A St. Louis powerhouse brewer from 1911 to 1960 is attempting a comeback. Taglines currently under consideration:



1.Looking for satisfaction? Grab a . . .


2.Nothing goes down smoother than a . . .


3.Slurp, gulp, oh. . . .


4.Our superior quality means you’ll never choke on a . . .

Vote, or submit your recommendations, in the comment section.

Sunday, May 27, 2007

Memorial Day



Remember.

...send check made out to the "Shawna Morrison Education Fund"
c/o Radio Maria, 119 N. Walnut St., Champaign, IL 61820.

Friday, May 25, 2007

Who Are You?

Roger Daltry, taking a break from recording The Who’s new “computer-based” album, believes this summer's Live Earth concerts are an environmental hazard; due to the amount of air pollution believed will be caused by flying the acts in to perform. "The last thing the planet needs is a rock concert,” said Daltry. “I can't believe it.

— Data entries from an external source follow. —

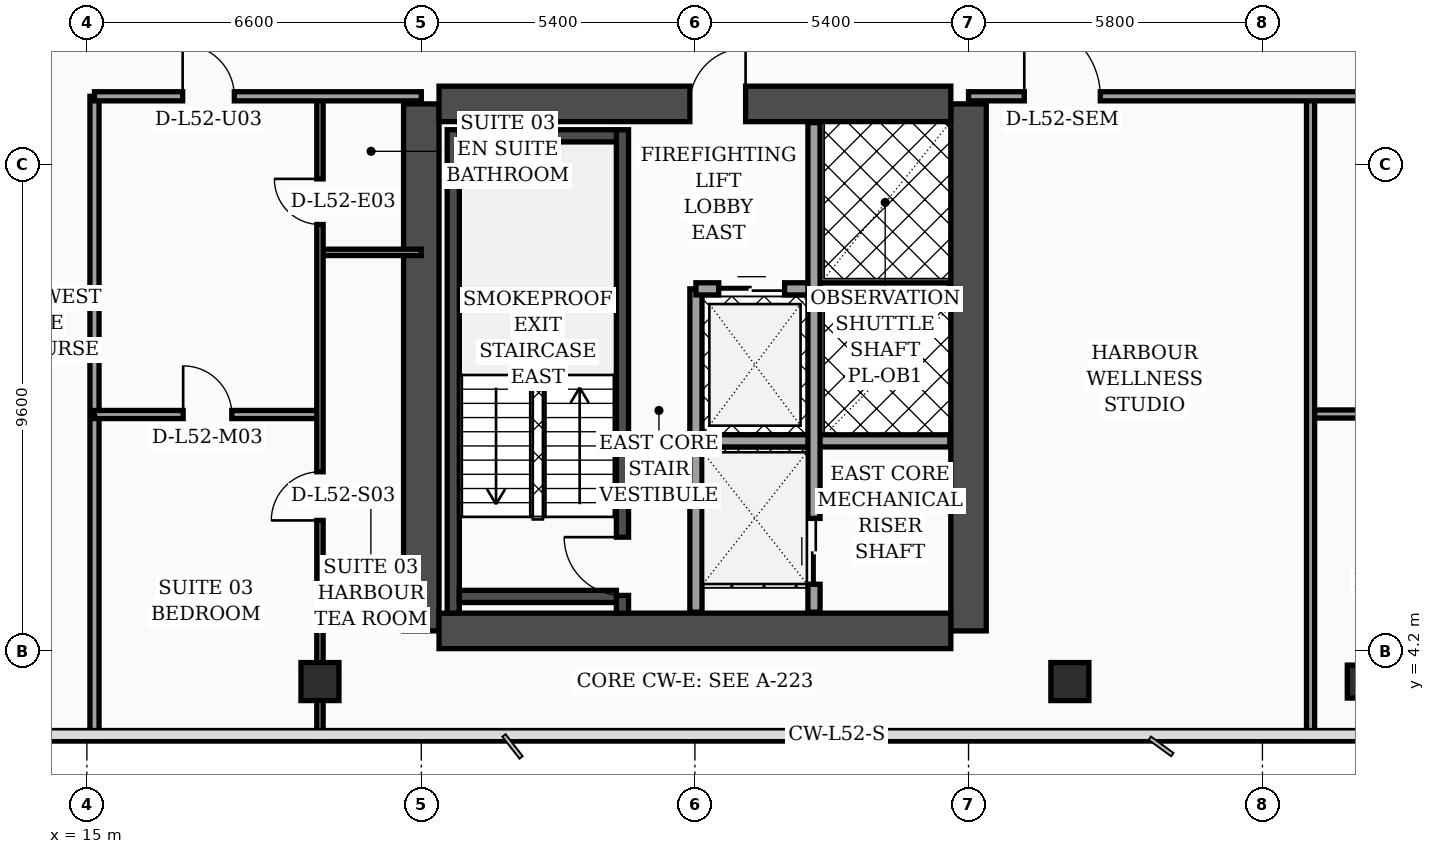
"""IFC4 building model, lengths in metres.
Left out: names, types, materials, properties, quantities, classifications, styles, units other than length and angle.
Written with IfcOpenShell. Run it as: python <this file> out.ifc"""

import sys

from ifc_helpers import new_model, si_unit, direction, frame, frame_2d, origin, origin_2d, place, context, subcontext, project, spatial, rectangle, hollow_rectangle, extrude, element, fill, save


model = new_model("IFC4")
c1 = context("Model", 3, precision=1e-05, world=origin(), true_north=direction((0.0, 1.0)))
c2 = subcontext(c1, "Body", "Model", "MODEL_VIEW")
j1 = project(units=[si_unit("LENGTHUNIT", "METRE"), si_unit("PLANEANGLEUNIT", "RADIAN")], contexts=[c1])
p1 = place(None, origin())
s1 = spatial("IfcSite", under=j1, at=p1, CompositionType="ELEMENT")
p2 = place(p1, origin())
s2 = spatial("IfcBuilding", under=s1, at=p2, CompositionType="ELEMENT")
p3 = place(p2, frame((0.0, 0.0, 211.0)))
s3 = spatial("IfcBuildingStorey", under=s2, at=p3, CompositionType="ELEMENT", Elevation=211.0)
for number, where, z_axis, x_axis in (
    (1, (21.6, 4.6, 0.0), (0.0, 0.0, 1.0), (0.0, 1.0, 0.0)),
    (2, (32.4, 4.6, 0.0), (0.0, 0.0, 1.0), (0.0, 1.0, 0.0)),
):
    element("IfcWall", number, at=place(p3, frame(where, z_axis=z_axis, x_axis=x_axis)), inside=s3, PredefinedType="SHEAR", context=c2, shape_type="SweptSolid", body=[
        extrude(rectangle(XDim=10.4, YDim=0.7, at=frame_2d((5.2, 0.0))), origin(), (0.0, 0.0, 1.0), 3.56),
    ])
p4 = place(p3, frame((21.95, 15.0, 0.0), z_axis=(0.0, 0.0, 1.0), x_axis=(1.0, 0.0, 0.0)))
e3 = element("IfcWall", 3, at=p4, inside=s3, PredefinedType="SHEAR", context=c2, shape_type="SweptSolid", body=[
    extrude(rectangle(XDim=10.1, YDim=0.7, at=frame_2d((5.05, 0.0))), origin(), (0.0, 0.0, 1.0), 3.56),
])
p5 = place(p4, frame((4.95, 0.0, 0.0)))
e4 = element("IfcOpeningElement", 4, at=p5, cuts=e3, PredefinedType="OPENING", context=c2, shape_type="SweptSolid", body=[
    extrude(rectangle(XDim=1.1, YDim=2.2, at=frame_2d((0.55, 1.1))), frame((0.0, 0.36, 0.0), z_axis=(0.0, -1.0, 0.0), x_axis=(1.0, 0.0, 0.0)), (0.0, 0.0, 1.0), 0.72),
])
p6 = place(p3, frame((21.95, 4.6, 0.0), z_axis=(0.0, 0.0, 1.0), x_axis=(1.0, 0.0, 0.0)))
e5 = element("IfcWall", 5, at=p6, inside=s3, PredefinedType="SHEAR", context=c2, shape_type="SweptSolid", body=[
    extrude(rectangle(XDim=10.1, YDim=0.7, at=frame_2d((5.05, 0.0))), origin(), (0.0, 0.0, 1.0), 3.56),
])
p7 = place(p3, frame((22.23, 4.95, 0.0), z_axis=(0.0, 0.0, 1.0), x_axis=(0.0, 1.0, 0.0)))
e6 = element("IfcWall", 6, at=p7, inside=s3, PredefinedType="SOLIDWALL", context=c2, shape_type="SweptSolid", body=[
    extrude(rectangle(XDim=9.54, YDim=0.24, at=frame_2d((4.77, 0.0))), origin(), (0.0, 0.0, 1.0), 3.56),
])
p8 = place(p3, frame((25.57, 4.95, 0.0), z_axis=(0.0, 0.0, 1.0), x_axis=(0.0, 1.0, 0.0)))
e7 = element("IfcWall", 7, at=p8, inside=s3, PredefinedType="SOLIDWALL", context=c2, shape_type="SweptSolid", body=[
    extrude(rectangle(XDim=9.54, YDim=0.24, at=frame_2d((4.77, 0.0))), origin(), (0.0, 0.0, 1.0), 3.56),
])
p9 = place(p8, frame((0.35, 0.0, 0.0)))
e8 = element("IfcOpeningElement", 8, at=p9, cuts=e7, PredefinedType="OPENING", context=c2, shape_type="SweptSolid", body=[
    extrude(rectangle(XDim=1.15, YDim=2.2, at=frame_2d((0.575, 1.1))), frame((0.0, 0.13, 0.0), z_axis=(0.0, -1.0, 0.0), x_axis=(1.0, 0.0, 0.0)), (0.0, 0.0, 1.0), 0.26),
])
for number, where, z_axis, x_axis in (
    (9, (22.35, 5.28, 0.0), (0.0, 0.0, 1.0), (1.0, 0.0, 0.0)),
    (10, (22.35, 14.37, 0.0), (0.0, 0.0, 1.0), (1.0, 0.0, 0.0)),
):
    element("IfcWall", number, at=place(p3, frame(where, z_axis=z_axis, x_axis=x_axis)), inside=s3, PredefinedType="SOLIDWALL", context=c2, shape_type="SweptSolid", body=[
        extrude(rectangle(XDim=3.1, YDim=0.24, at=frame_2d((1.55, 0.0))), origin(), (0.0, 0.0, 1.0), 3.56),
    ])
for number, where, z_axis, x_axis in (
    (11, (19.6, 3.6, 0.0), (0.0, 0.0, 1.0), (1.0, 0.0, 0.0)),
    (12, (34.4, 3.6, 0.0), (0.0, 0.0, 1.0), (1.0, 0.0, 0.0)),
):
    element("IfcColumn", number, at=place(p3, frame(where, z_axis=z_axis, x_axis=x_axis)), inside=s3, PredefinedType="COLUMN", context=c2, shape_type="SweptSolid", body=[
        extrude(hollow_rectangle(XDim=0.75, YDim=0.75, WallThickness=0.032, at=origin_2d()), origin(), (0.0, 0.0, 1.0), 3.56),
    ])
p10 = place(p3, frame((40.2, 3.6, 0.0), z_axis=(0.0, 0.0, 1.0), x_axis=(1.0, 0.0, 0.0)))
e13 = element("IfcColumn", 13, at=p10, inside=s3, PredefinedType="COLUMN", context=c2, shape_type="SweptSolid", body=[
    extrude(hollow_rectangle(XDim=0.65, YDim=0.65, WallThickness=0.028, at=origin_2d()), origin(), (0.0, 0.0, 1.0), 3.56),
])
p11 = place(p3, frame((27.02, 4.97, 0.0), z_axis=(0.0, 0.0, 1.0), x_axis=(0.0, 1.0, 0.0)))
e14 = element("IfcWall", 14, at=p11, inside=s3, PredefinedType="SOLIDWALL", context=c2, shape_type="SweptSolid", body=[
    extrude(rectangle(XDim=6.38, YDim=0.24, at=frame_2d((3.19, 0.0))), origin(), (0.0, 0.0, 1.0), 3.56),
])
p12 = place(p3, frame((27.02, 11.35, 0.0), z_axis=(0.0, 0.0, 1.0), x_axis=(1.0, 0.0, 0.0)))
e15 = element("IfcWall", 15, at=p12, inside=s3, PredefinedType="SOLIDWALL", context=c2, shape_type="SweptSolid", body=[
    extrude(rectangle(XDim=5.01, YDim=0.24, at=frame_2d((2.505, 0.0))), origin(), (0.0, 0.0, 1.0), 3.56),
])
p13 = place(p12, frame((0.45, 0.0, 0.0)))
e16 = element("IfcOpeningElement", 16, at=p13, cuts=e15, PredefinedType="OPENING", context=c2, shape_type="SweptSolid", body=[
    extrude(rectangle(XDim=1.3, YDim=2.35, at=frame_2d((0.65, 1.175))), frame((0.0, 0.13, 0.0), z_axis=(0.0, -1.0, 0.0), x_axis=(1.0, 0.0, 0.0)), (0.0, 0.0, 1.0), 0.26),
])
p14 = place(p3, frame((27.02, 8.35, 0.0), z_axis=(0.0, 0.0, 1.0), x_axis=(1.0, 0.0, 0.0)))
e17 = element("IfcWall", 17, at=p14, inside=s3, PredefinedType="SOLIDWALL", context=c2, shape_type="SweptSolid", body=[
    extrude(rectangle(XDim=5.01, YDim=0.24, at=frame_2d((2.505, 0.0))), origin(), (0.0, 0.0, 1.0), 3.09),
])
p15 = place(p3, frame((29.35, 4.97, 0.0), z_axis=(0.0, 0.0, 1.0), x_axis=(0.0, 1.0, 0.0)))
e18 = element("IfcWall", 18, at=p15, inside=s3, PredefinedType="SOLIDWALL", context=c2, shape_type="SweptSolid", body=[
    extrude(rectangle(XDim=9.66, YDim=0.24, at=frame_2d((4.83, 0.0))), origin(), (0.0, 0.0, 1.0), 3.56),
])
p16 = place(p15, frame((0.55, 0.0, 0.0)))
e19 = element("IfcOpeningElement", 19, at=p16, cuts=e18, PredefinedType="OPENING", context=c2, shape_type="SweptSolid", body=[
    extrude(rectangle(XDim=1.3, YDim=2.35, at=frame_2d((0.65, 1.175))), frame((0.0, 0.13, 0.0), z_axis=(0.0, -1.0, 0.0), x_axis=(1.0, 0.0, 0.0)), (0.0, 0.0, 1.0), 0.26),
])
p17 = place(p3, frame((15.15, 2.44, 0.0), z_axis=(0.0, 0.0, 1.0), x_axis=(0.0, 1.0, 0.0)))
e20 = element("IfcWall", 20, at=p17, inside=s3, PredefinedType="PARTITIONING", context=c2, shape_type="SweptSolid", body=[
    extrude(rectangle(XDim=12.71, YDim=0.18, at=frame_2d((6.355, 0.0))), origin(), (0.0, 0.0, 1.0), 3.09),
])
p18 = place(p3, frame((19.6, 12.07, 0.0), z_axis=(0.0, 0.0, 1.0), x_axis=(1.0, 0.0, 0.0)))
e21 = element("IfcWall", 21, at=p18, inside=s3, PredefinedType="PARTITIONING", context=c2, shape_type="SweptSolid", body=[
    extrude(rectangle(XDim=2.0, YDim=0.125, at=frame_2d((1.0, 0.0))), origin(), (0.0, 0.0, 1.0), 3.56),
])
p19 = place(p3, frame((15.15, 8.87, 0.0), z_axis=(0.0, 0.0, 1.0), x_axis=(1.0, 0.0, 0.0)))
e22 = element("IfcWall", 22, at=p19, inside=s3, PredefinedType="PARTITIONING", context=c2, shape_type="SweptSolid", body=[
    extrude(rectangle(XDim=4.45, YDim=0.16, at=frame_2d((2.225, 0.0))), origin(), (0.0, 0.0, 1.0), 3.56),
])
p20 = place(p19, frame((1.75, 0.0, 0.0)))
e23 = element("IfcOpeningElement", 23, at=p20, cuts=e22, PredefinedType="OPENING", context=c2, shape_type="SweptSolid", body=[
    extrude(rectangle(XDim=0.96, YDim=2.2, at=frame_2d((0.48, 1.1))), frame((0.0, 0.09, 0.0), z_axis=(0.0, -1.0, 0.0), x_axis=(1.0, 0.0, 0.0)), (0.0, 0.0, 1.0), 0.18),
])
p21 = place(p3, frame((19.6, 2.44, 0.0), z_axis=(0.0, 0.0, 1.0), x_axis=(0.0, 1.0, 0.0)))
e24 = element("IfcWall", 24, at=p21, inside=s3, PredefinedType="PARTITIONING", context=c2, shape_type="SweptSolid", body=[
    extrude(rectangle(XDim=12.71, YDim=0.125, at=frame_2d((6.355, 0.0))), origin(), (0.0, 0.0, 1.0), 2.59),
])
p22 = place(p21, frame((4.34, 0.0, 0.0)))
e25 = element("IfcOpeningElement", 25, at=p22, cuts=e24, PredefinedType="OPENING", context=c2, shape_type="SweptSolid", body=[
    extrude(rectangle(XDim=0.96, YDim=2.2, at=frame_2d((0.48, 1.1))), frame((0.0, 0.073, 0.0), z_axis=(0.0, -1.0, 0.0), x_axis=(1.0, 0.0, 0.0)), (0.0, 0.0, 1.0), 0.145),
])
p23 = place(p21, frame((10.18, 0.0, 0.0)))
e26 = element("IfcOpeningElement", 26, at=p23, cuts=e24, PredefinedType="OPENING", context=c2, shape_type="SweptSolid", body=[
    extrude(rectangle(XDim=0.9, YDim=2.15, at=frame_2d((0.45, 1.075))), frame((0.0, 0.073, 0.0), z_axis=(0.0, -1.0, 0.0), x_axis=(1.0, 0.0, 0.0)), (0.0, 0.0, 1.0), 0.145),
])
p24 = place(p3, frame((15.15, 15.15, 0.0), z_axis=(0.0, 0.0, 1.0), x_axis=(1.0, 0.0, 0.0)))
e27 = element("IfcWall", 27, at=p24, inside=s3, PredefinedType="PARTITIONING", context=c2, shape_type="SweptSolid", body=[
    extrude(rectangle(XDim=6.45, YDim=0.18, at=frame_2d((3.225, 0.0))), origin(), (0.0, 0.0, 1.0), 2.59),
])
p25 = place(p24, frame((1.74, 0.0, 0.0)))
e28 = element("IfcOpeningElement", 28, at=p25, cuts=e27, PredefinedType="OPENING", context=c2, shape_type="SweptSolid", body=[
    extrude(rectangle(XDim=1.02, YDim=2.2, at=frame_2d((0.51, 1.1))), frame((0.0, 0.1, 0.0), z_axis=(0.0, -1.0, 0.0), x_axis=(1.0, 0.0, 0.0)), (0.0, 0.0, 1.0), 0.2),
])
p26 = place(p3, frame((39.15, 8.88, 0.0), z_axis=(0.0, 0.0, 1.0), x_axis=(1.0, 0.0, 0.0)))
e29 = element("IfcWall", 29, at=p26, inside=s3, PredefinedType="PARTITIONING", context=c2, shape_type="SweptSolid", body=[
    extrude(rectangle(XDim=4.52, YDim=0.16, at=frame_2d((2.26, 0.0))), origin(), (0.0, 0.0, 1.0), 3.09),
])
p27 = place(p26, frame((1.78, 0.0, 0.0)))
e30 = element("IfcOpeningElement", 30, at=p27, cuts=e29, PredefinedType="OPENING", context=c2, shape_type="SweptSolid", body=[
    extrude(rectangle(XDim=0.96, YDim=2.2, at=frame_2d((0.48, 1.1))), frame((0.0, 0.09, 0.0), z_axis=(0.0, -1.0, 0.0), x_axis=(1.0, 0.0, 0.0)), (0.0, 0.0, 1.0), 0.18),
])
p28 = place(p3, frame((39.15, 2.44, 0.0), z_axis=(0.0, 0.0, 1.0), x_axis=(0.0, 1.0, 0.0)))
e31 = element("IfcWall", 31, at=p28, inside=s3, PredefinedType="PARTITIONING", context=c2, shape_type="SweptSolid", body=[
    extrude(rectangle(XDim=12.71, YDim=0.16, at=frame_2d((6.355, 0.0))), origin(), (0.0, 0.0, 1.0), 2.94),
])
p29 = place(p3, frame((32.4, 15.15, 0.0), z_axis=(0.0, 0.0, 1.0), x_axis=(1.0, 0.0, 0.0)))
e32 = element("IfcWall", 32, at=p29, inside=s3, PredefinedType="PARTITIONING", context=c2, shape_type="SweptSolid", body=[
    extrude(rectangle(XDim=13.2, YDim=0.18, at=frame_2d((6.6, 0.0))), origin(), (0.0, 0.0, 1.0), 2.94),
])
p30 = place(p29, frame((1.1, 0.0, 0.0)))
e33 = element("IfcOpeningElement", 33, at=p30, cuts=e32, PredefinedType="OPENING", context=c2, shape_type="SweptSolid", body=[
    extrude(rectangle(XDim=1.5, YDim=2.22, at=frame_2d((0.75, 1.11))), frame((0.0, 0.1, 0.0), z_axis=(0.0, -1.0, 0.0), x_axis=(1.0, 0.0, 0.0)), (0.0, 0.0, 1.0), 0.2),
])
p31 = place(p29, frame((8.5, 0.0, 0.0)))
e34 = element("IfcOpeningElement", 34, at=p31, cuts=e32, PredefinedType="OPENING", context=c2, shape_type="SweptSolid", body=[
    extrude(rectangle(XDim=1.02, YDim=2.2, at=frame_2d((0.51, 1.1))), frame((0.0, 0.1, 0.0), z_axis=(0.0, -1.0, 0.0), x_axis=(1.0, 0.0, 0.0)), (0.0, 0.0, 1.0), 0.2),
])
p32 = place(p13, origin())
e35 = element("IfcDoor", 35, at=p32, inside=s3, OperationType="DOUBLE_DOOR_SLIDING", PredefinedType="DOOR", context=c2, shape_type="SweptSolid", body=[
    extrude(rectangle(XDim=1.3, YDim=2.35, at=frame_2d((0.65, 1.175))), frame((0.0, 0.025, 0.0), z_axis=(0.0, -1.0, 0.0), x_axis=(1.0, 0.0, 0.0)), (0.0, 0.0, 1.0), 0.05),
])
fill(e16, e35)
p33 = place(p16, origin())
e36 = element("IfcDoor", 36, at=p33, inside=s3, OperationType="DOUBLE_DOOR_SLIDING", PredefinedType="DOOR", context=c2, shape_type="SweptSolid", body=[
    extrude(rectangle(XDim=1.3, YDim=2.35, at=frame_2d((0.65, 1.175))), frame((0.0, 0.025, 0.0), z_axis=(0.0, -1.0, 0.0), x_axis=(1.0, 0.0, 0.0)), (0.0, 0.0, 1.0), 0.05),
])
fill(e19, e36)
p34 = place(p20, origin())
e37 = element("IfcDoor", 37, at=p34, inside=s3, OperationType="SINGLE_SWING_LEFT", PredefinedType="DOOR", context=c2, shape_type="SweptSolid", body=[
    extrude(rectangle(XDim=0.96, YDim=2.2, at=frame_2d((0.48, 1.1))), frame((0.0, 0.025, 0.0), z_axis=(0.0, -1.0, 0.0), x_axis=(1.0, 0.0, 0.0)), (0.0, 0.0, 1.0), 0.05),
])
fill(e23, e37)
p35 = place(p22, origin())
e38 = element("IfcDoor", 38, at=p35, inside=s3, OperationType="SINGLE_SWING_LEFT", PredefinedType="DOOR", context=c2, shape_type="SweptSolid", body=[
    extrude(rectangle(XDim=0.96, YDim=2.2, at=frame_2d((0.48, 1.1))), frame((0.0, 0.025, 0.0), z_axis=(0.0, -1.0, 0.0), x_axis=(1.0, 0.0, 0.0)), (0.0, 0.0, 1.0), 0.05),
])
fill(e25, e38)
p36 = place(p23, origin())
e39 = element("IfcDoor", 39, at=p36, inside=s3, OperationType="SINGLE_SWING_RIGHT", PredefinedType="DOOR", context=c2, shape_type="SweptSolid", body=[
    extrude(rectangle(XDim=0.9, YDim=2.15, at=frame_2d((0.45, 1.075))), frame((0.0, 0.025, 0.0), z_axis=(0.0, -1.0, 0.0), x_axis=(1.0, 0.0, 0.0)), (0.0, 0.0, 1.0), 0.05),
])
fill(e26, e39)
p37 = place(p25, origin())
e40 = element("IfcDoor", 40, at=p37, inside=s3, OperationType="SINGLE_SWING_LEFT", PredefinedType="DOOR", context=c2, shape_type="SweptSolid", body=[
    extrude(rectangle(XDim=1.02, YDim=2.2, at=frame_2d((0.51, 1.1))), frame((0.0, 0.025, 0.0), z_axis=(0.0, -1.0, 0.0), x_axis=(1.0, 0.0, 0.0)), (0.0, 0.0, 1.0), 0.05),
])
fill(e28, e40)
p38 = place(p30, origin())
e41 = element("IfcDoor", 41, at=p38, inside=s3, OperationType="SINGLE_SWING_LEFT", PredefinedType="DOOR", context=c2, shape_type="SweptSolid", body=[
    extrude(rectangle(XDim=1.5, YDim=2.22, at=frame_2d((0.75, 1.11))), frame((0.0, 0.025, 0.0), z_axis=(0.0, -1.0, 0.0), x_axis=(1.0, 0.0, 0.0)), (0.0, 0.0, 1.0), 0.05),
])
fill(e33, e41)
p39 = place(p9, origin())
e42 = element("IfcDoor", 42, at=p39, inside=s3, OperationType="SINGLE_SWING_RIGHT", PredefinedType="DOOR", context=c2, shape_type="SweptSolid", body=[
    extrude(rectangle(XDim=1.15, YDim=2.2, at=frame_2d((0.575, 1.1))), frame((0.0, 0.025, 0.0), z_axis=(0.0, -1.0, 0.0), x_axis=(1.0, 0.0, 0.0)), (0.0, 0.0, 1.0), 0.05),
])
fill(e8, e42)
p40 = place(p5, origin())
e43 = element("IfcDoor", 43, at=p40, inside=s3, OperationType="SINGLE_SWING_RIGHT", PredefinedType="DOOR", context=c2, shape_type="SweptSolid", body=[
    extrude(rectangle(XDim=1.1, YDim=2.2, at=frame_2d((0.55, 1.1))), frame((0.0, 0.025, 0.0), z_axis=(0.0, -1.0, 0.0), x_axis=(1.0, 0.0, 0.0)), (0.0, 0.0, 1.0), 0.05),
])
fill(e4, e43)
save(model, sys.argv[1])

Let's burn even more fuel. My answer is to burn all the f**king oil as quick as possible and then the politicians will have to find a solution."

Spinal Tap, reuniting for the first time since the release of 1992's "Break like the Wind" responded, "It's really more about our comfort, init?" Tap will be debuting their new single, "Warmer than Hell," at the concert scheduled for Wembley Stadium on July 7.

Musician Joke Friday - Not Actually A Musician Joke Edition! - OR - Ryan AdamSchmitt!






















Adam Schmitt - "Demolition"
Released September 11, 2001

Ryan Adams - "Demolition"
Released September 24, 2002

...has it been long enough to note Adam Schmitt's album - released on Sept. 11, 2001 - contained the cut "All Alone On A Crashing Plane"?

“and now I can drink and drive . . .”

Talk about lazy.

According to AP, Las Vegas tourists exhausted by the gluttony laid out before them are getting around on electric "mobility scooters." That’s right . . . updated wheelchairs.

For about $40/day, perfectly healthy tourists are checking their pride and using transportation intended for the infirm.

They don't have to take a step.

They don't even have to put your drink down.

"It was all the walking," 27-year-old Simon Lezama said on his red Merits Pioneer 3. Lezama, a trim and fit-looking restaurant manager from Odessa, Texas, rented it on day three of his five-day vacation, "and now I can drink and drive, be responsible and save my feet."

Musician Joke Friday

Q: Why do drummers leave their sticks on the dashboard?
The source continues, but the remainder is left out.